Sotades (; 3rd century BC) was an Ancient Greek poet.

Sotades was born in Maroneia, either the one in Thrace, or in Crete. He lived in Alexandria during the reign of Ptolemy II Philadelphus (285–246 BC). The city was at that time a remarkable center of learning, with a great deal of artistic and literary activity, including epic poetry and the Great Library. Only a few genuine fragments of his work have been preserved; those in Stobaeus are generally considered spurious. Ennius translated some poems of this kind, included in his book of satires under the name of Sola. He had a son named Apollonius.  He has been credited with the invention of the palindrome.

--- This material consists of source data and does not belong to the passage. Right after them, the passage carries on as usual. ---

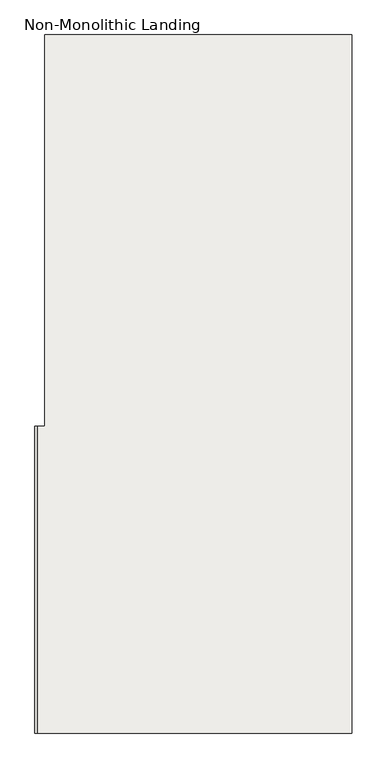
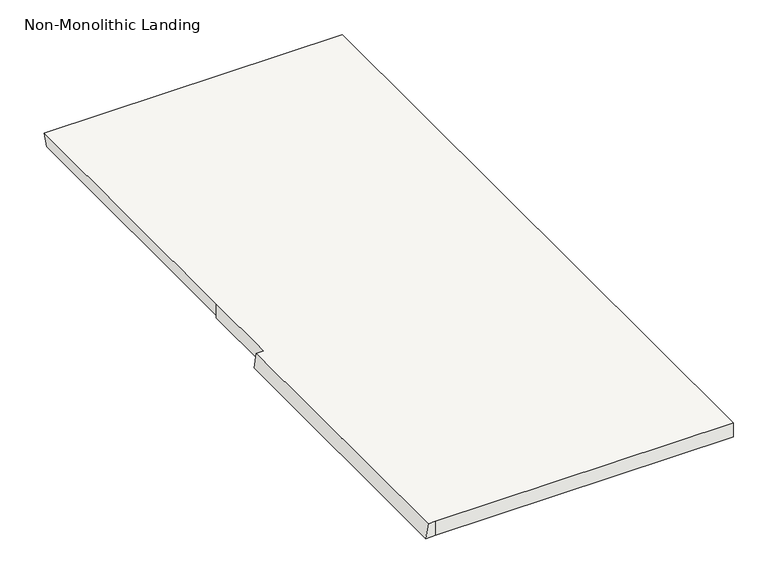
"""IFC4 building model written with IfcOpenShell, lengths in millimetres: slab geometry, Non-Monolithic Landing."""

from ifc_helpers import new_model, si_unit, origin, place, context, project, spatial, faceted_brep, source, transform, mapped, element, save


def non_monolithic_landing_122d3c1d(model_context):
    return source(origin(), model_context, "Body", "Brep", [
        faceted_brep([(-2716.9701746, -2816.1890637, 869.5652174), (-2724.1576746, -2816.1890637, 819.5652174), (-2724.1576746, -3816.2148449, 819.5652174), (-2716.9701746, -3816.2148449, 869.5652174), (-2691.9701746, -2541.1890637, 869.5652174), (-2691.9701746, -2816.1890637, 869.5652174), (-2691.9701746, -3816.2148449, 869.5652174), (-1691.9443934, -3816.2148449, 869.5652174), (-1691.9443934, -1541.1632824, 869.5652174), (-2691.9701746, -1541.1632824, 869.5652174), (-2691.9701746, -2816.1890637, 819.5652174), (-2691.9701746, -2541.1890637, 819.5652174), (-2684.7826746, -2541.1890637, 819.5652174), (-2684.7826746, -1541.1632824, 819.5652174), (-1691.9443934, -1541.1632824, 819.5652174), (-1691.9443934, -3816.2148449, 819.5652174), (-2691.9701746, -3816.2148449, 819.5652174)], [[[0, 1, 2, 3]], [[4, 5, 0, 3, 6, 7, 8, 9]], [[10, 11, 12, 13, 14, 15, 16, 2, 1]], [[5, 4, 11, 10]], [[0, 5, 10, 1]], [[6, 3, 2, 16]], [[7, 6, 16, 15]], [[8, 7, 15, 14]], [[9, 8, 14, 13]], [[4, 12, 11]], [[12, 4, 9, 13]]]),
    ])


if __name__ == "__main__":
    model = new_model("IFC4")
    model_context = context("Model", 3, world=origin())
    ifc_project = project(units=[si_unit("LENGTHUNIT", "METRE", prefix="MILLI")], contexts=[model_context])
    site = spatial("IfcSite", under=ifc_project)
    building = spatial("IfcBuilding", under=site)
    placement = place(None, origin())
    non_monolithic_landing_shape = non_monolithic_landing_122d3c1d(model_context)
    element("IfcSlab", 1, ObjectType="Non-Monolithic Landing", at=placement, inside=building, context=model_context, shape_type="MappedRepresentation", body=[
        mapped(non_monolithic_landing_shape, transform((0.0, 0.0, 0.0), x_axis=(1.0, 0.0, 0.0), y_axis=(0.0, 1.0, 0.0), z_axis=(0.0, 0.0, 1.0))),
    ])
    save(model, "model.ifc")

Sotades was the chief representative of the writers of obscene and even pederastic satirical poems, called "kinaidoi" (), composed in the Ionic dialect and in the metre named after him.  
One of his poems attacked Ptolemy II Philadelphus's marriage to his own sister Arsinoe II, from which came the infamous line: "You're sticking your prick in an unholy hole." For this, Sotades was imprisoned, but he escaped to the island of Caunus, where he was afterwards captured by the admiral Patroclus, shut up in a leaden chest, and thrown into the sea. 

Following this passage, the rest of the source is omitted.